Density would be ''pulled back'' from the water's edge under the McCourt-CLF plan, with a row of five buildings, possibly 200 to 300 feet tall, on five parcels between New Northern Avenue and Old Northern Avenue. Approximately 2.1 million square feet of new development would go on the Pritzker's Fan Pier land, and 2.9 million square feet of new development would go on that section of McCourt's land.

McCourt said he would leave development of the rest of his land - an expanse now used as a parking lot between New Northern Avenue and Summer Street - for later. He has draft plans for a large hotel at the southern tip of the property, near the entrance to the planned $700 million convention center. But that section of McCourt's L-shaped parcel would not be in the revenue-sharing arrangement with the Pritzkers.

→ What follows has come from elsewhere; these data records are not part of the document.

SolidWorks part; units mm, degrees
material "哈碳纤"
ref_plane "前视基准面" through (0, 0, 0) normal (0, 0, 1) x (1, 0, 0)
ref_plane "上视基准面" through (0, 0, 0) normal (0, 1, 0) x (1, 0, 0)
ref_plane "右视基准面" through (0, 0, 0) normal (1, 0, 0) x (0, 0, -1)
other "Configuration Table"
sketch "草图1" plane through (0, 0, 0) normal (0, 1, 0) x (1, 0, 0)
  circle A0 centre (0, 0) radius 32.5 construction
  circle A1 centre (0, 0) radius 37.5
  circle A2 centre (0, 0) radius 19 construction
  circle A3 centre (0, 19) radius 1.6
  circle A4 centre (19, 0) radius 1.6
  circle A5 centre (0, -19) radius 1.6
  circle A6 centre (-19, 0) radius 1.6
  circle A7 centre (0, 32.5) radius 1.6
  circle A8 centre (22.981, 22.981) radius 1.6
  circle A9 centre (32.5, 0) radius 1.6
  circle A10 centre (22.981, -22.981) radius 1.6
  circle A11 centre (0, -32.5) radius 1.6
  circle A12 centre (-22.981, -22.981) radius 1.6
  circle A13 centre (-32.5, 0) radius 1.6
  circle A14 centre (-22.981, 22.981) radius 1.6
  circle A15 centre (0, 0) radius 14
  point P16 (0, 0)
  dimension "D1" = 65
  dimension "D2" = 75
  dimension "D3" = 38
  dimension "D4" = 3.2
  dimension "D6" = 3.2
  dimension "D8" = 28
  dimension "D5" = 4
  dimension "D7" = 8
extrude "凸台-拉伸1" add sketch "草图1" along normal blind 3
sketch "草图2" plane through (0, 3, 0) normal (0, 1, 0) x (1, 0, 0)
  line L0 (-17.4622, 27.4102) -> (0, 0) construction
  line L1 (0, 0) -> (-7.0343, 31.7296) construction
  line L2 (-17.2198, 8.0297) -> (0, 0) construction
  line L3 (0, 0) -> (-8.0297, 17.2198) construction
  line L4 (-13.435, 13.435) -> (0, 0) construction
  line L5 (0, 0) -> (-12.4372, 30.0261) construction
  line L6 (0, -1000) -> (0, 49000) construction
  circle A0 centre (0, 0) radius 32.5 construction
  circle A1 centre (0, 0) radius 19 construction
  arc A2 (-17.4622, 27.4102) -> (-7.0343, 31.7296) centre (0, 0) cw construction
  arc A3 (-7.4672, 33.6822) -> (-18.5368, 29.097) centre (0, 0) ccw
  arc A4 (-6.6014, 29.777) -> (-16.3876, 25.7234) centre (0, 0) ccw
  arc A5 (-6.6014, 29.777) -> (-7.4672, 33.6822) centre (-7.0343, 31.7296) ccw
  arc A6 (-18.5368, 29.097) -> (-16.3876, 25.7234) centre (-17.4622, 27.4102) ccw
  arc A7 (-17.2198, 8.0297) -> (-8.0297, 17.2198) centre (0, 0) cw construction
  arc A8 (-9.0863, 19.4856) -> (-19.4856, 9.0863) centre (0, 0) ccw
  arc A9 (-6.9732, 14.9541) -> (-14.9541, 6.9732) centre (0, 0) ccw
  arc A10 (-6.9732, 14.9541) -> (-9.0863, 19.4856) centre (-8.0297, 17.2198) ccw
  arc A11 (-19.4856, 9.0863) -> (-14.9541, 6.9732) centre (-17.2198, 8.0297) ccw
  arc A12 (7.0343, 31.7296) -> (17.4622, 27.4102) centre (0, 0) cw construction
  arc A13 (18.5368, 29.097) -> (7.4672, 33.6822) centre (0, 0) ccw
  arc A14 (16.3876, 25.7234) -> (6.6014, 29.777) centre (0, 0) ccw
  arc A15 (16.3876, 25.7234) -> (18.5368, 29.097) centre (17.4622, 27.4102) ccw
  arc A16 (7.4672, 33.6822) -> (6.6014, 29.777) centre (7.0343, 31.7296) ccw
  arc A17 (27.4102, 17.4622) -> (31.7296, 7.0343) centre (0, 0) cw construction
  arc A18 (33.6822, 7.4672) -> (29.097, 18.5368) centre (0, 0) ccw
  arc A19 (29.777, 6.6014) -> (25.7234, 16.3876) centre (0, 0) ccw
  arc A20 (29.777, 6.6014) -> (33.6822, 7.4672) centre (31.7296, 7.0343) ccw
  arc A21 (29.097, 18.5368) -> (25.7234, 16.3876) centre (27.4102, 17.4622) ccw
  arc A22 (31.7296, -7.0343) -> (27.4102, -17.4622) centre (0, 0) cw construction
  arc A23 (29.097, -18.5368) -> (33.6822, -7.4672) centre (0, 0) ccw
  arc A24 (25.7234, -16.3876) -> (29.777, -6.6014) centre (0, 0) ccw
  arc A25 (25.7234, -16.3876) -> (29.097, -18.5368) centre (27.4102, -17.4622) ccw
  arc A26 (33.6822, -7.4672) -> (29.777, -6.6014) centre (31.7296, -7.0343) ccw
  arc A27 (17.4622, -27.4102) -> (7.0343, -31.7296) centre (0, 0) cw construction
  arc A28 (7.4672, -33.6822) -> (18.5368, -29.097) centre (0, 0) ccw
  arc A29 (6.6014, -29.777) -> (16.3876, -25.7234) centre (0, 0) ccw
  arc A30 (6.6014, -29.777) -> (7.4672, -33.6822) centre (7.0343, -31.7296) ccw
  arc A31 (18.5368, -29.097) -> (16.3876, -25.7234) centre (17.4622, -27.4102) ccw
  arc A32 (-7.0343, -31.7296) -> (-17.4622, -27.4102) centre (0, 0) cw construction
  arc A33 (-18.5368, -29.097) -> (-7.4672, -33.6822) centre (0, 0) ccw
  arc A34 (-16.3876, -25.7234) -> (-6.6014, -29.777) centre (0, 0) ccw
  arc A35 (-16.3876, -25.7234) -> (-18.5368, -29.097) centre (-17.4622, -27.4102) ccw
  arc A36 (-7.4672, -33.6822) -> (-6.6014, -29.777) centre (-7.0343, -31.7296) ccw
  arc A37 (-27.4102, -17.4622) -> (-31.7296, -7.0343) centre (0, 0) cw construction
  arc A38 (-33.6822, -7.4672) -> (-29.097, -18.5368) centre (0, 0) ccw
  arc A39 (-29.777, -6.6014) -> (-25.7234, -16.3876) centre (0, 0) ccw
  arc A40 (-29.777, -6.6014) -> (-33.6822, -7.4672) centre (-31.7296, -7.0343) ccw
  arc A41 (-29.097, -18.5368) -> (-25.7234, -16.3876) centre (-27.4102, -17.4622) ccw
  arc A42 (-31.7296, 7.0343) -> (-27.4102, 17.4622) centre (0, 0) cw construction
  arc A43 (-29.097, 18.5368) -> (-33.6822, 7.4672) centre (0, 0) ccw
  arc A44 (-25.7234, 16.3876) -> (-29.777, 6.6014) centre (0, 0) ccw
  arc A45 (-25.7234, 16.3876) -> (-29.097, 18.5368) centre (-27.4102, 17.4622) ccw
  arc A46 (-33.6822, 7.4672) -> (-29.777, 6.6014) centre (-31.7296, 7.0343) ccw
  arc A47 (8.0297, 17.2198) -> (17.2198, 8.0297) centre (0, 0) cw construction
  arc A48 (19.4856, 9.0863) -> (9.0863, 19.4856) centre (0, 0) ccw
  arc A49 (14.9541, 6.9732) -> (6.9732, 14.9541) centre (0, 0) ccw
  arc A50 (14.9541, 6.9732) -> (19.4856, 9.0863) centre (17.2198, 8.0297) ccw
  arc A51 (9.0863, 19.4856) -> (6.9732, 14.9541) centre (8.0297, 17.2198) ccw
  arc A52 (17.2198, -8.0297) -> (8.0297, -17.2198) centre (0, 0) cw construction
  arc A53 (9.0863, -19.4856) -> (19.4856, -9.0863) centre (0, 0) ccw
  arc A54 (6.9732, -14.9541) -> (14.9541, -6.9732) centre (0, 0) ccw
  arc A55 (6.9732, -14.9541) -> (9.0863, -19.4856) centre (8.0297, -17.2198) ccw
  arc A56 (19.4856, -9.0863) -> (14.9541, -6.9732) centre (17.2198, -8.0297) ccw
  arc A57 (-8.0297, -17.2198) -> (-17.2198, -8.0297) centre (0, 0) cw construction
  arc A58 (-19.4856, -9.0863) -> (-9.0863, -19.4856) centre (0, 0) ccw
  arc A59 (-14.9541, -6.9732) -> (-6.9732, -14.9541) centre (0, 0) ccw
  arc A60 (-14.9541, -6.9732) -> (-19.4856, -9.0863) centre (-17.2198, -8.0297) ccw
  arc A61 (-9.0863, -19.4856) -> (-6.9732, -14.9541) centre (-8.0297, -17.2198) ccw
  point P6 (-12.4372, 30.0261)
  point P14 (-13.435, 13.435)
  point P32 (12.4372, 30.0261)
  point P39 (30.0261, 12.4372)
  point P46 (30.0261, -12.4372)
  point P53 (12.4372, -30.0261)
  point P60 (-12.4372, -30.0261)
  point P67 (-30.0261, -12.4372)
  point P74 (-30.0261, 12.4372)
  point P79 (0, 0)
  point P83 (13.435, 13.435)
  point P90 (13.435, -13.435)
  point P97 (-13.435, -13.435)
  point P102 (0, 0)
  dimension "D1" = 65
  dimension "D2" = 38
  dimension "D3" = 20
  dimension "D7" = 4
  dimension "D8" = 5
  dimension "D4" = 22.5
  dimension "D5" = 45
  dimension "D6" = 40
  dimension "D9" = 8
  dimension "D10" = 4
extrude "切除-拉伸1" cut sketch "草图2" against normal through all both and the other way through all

Foy said he anticipated a cool reception by the Pritzkers and city officials but suggested that ''the decision is not entirely in their hands.'' The city and the Pritzkers will plunge into a drawn-out legal battle if current plans are pursued, he said. And if state environmental secretary Robert Durand - who has jurisdiction over waterfront construction under state environmental laws - says the Pritzker plan is not workable, alternatives will be needed, Foy said.

Significantly, Durand said through a spokesman that the McCourt-CLF plan should be taken seriously.

''We'd be supportive of any dialogue among any and all of the developers in the region, to maximize public access to the waterfront,'' said the spokesman, Doug Pizzi. ''One of our goals has always been to look at the waterfront as a whole, not piece by piece.''

The McCourt-CLF plan has the support of an array of waterfront activists, including Vivien Li, executive director of the Boston Harbor Association, who described it as ''intriguing, to get several landowners working together.''

''We're all aware there is posturing going on. It's an arranged marriage where there might be some reluctance, but there are prospects for a better vision.

''The worst outcome is if all this gets bogged down in disagreements and legal battles,'' she added. ''Here the community will get benefits, and over 2 million square feet for each developer is not insignificant. Everyone will come out ahead.''

McCourt faces steep challenges in the realm of politics, however. Council President James M. Kelly said he wants to see more detailed plans for the McCourt property, not just how the Pritzker property would be reduced. Kelly is active in the South Boston Design Advisory Committee, a neighborhood group, and generally favors office development for the linkage payments that are made for affordable housing in the area.

McCourt has also angered Mayor Thomas M. Menino, who is reportedly fuming that he was not shown the McCourt-CLF plan earlier. It is widely known that Menino and McCourt have had rocky relations; Menino also supports the Pritzker plan as the best chance for something to be built on the waterfront during his tenure as mayor. The McCourt-CLF group was said to be showing Menino the plan late last night, however.

Maloney, the BRA director, said he told the mayor he did not think the McCourt-CLF plan was feasible, and that he questioned how McCourt could propose new parkland and building configurations on someone else's property.

''It appears to be an attempt to create waterfront property where there is none,'' said BRA chief planner Linda Haar. ''How do you do that? By eliminating what's between you and the water.''

Both Maloney and Haar said that beyond practical considerations of the radical co-development rights proposal, the McCourt-CLF plan is at odds with the city's plans for the waterfront - which is to create enough buildings so the district is active seven days a week.

The McCourt-CLF plan ''looks great'' because of the additional parkland, but open space near the water can end up being ''cavernous and unused,'' Maloney said. ''Their plan is designed for visitors, with huge events, and then lots of quiet downtime,'' he said. ''We want a real urban neighborhood.''

This story ran on page B1 of the Boston Globe on 3/29/2000.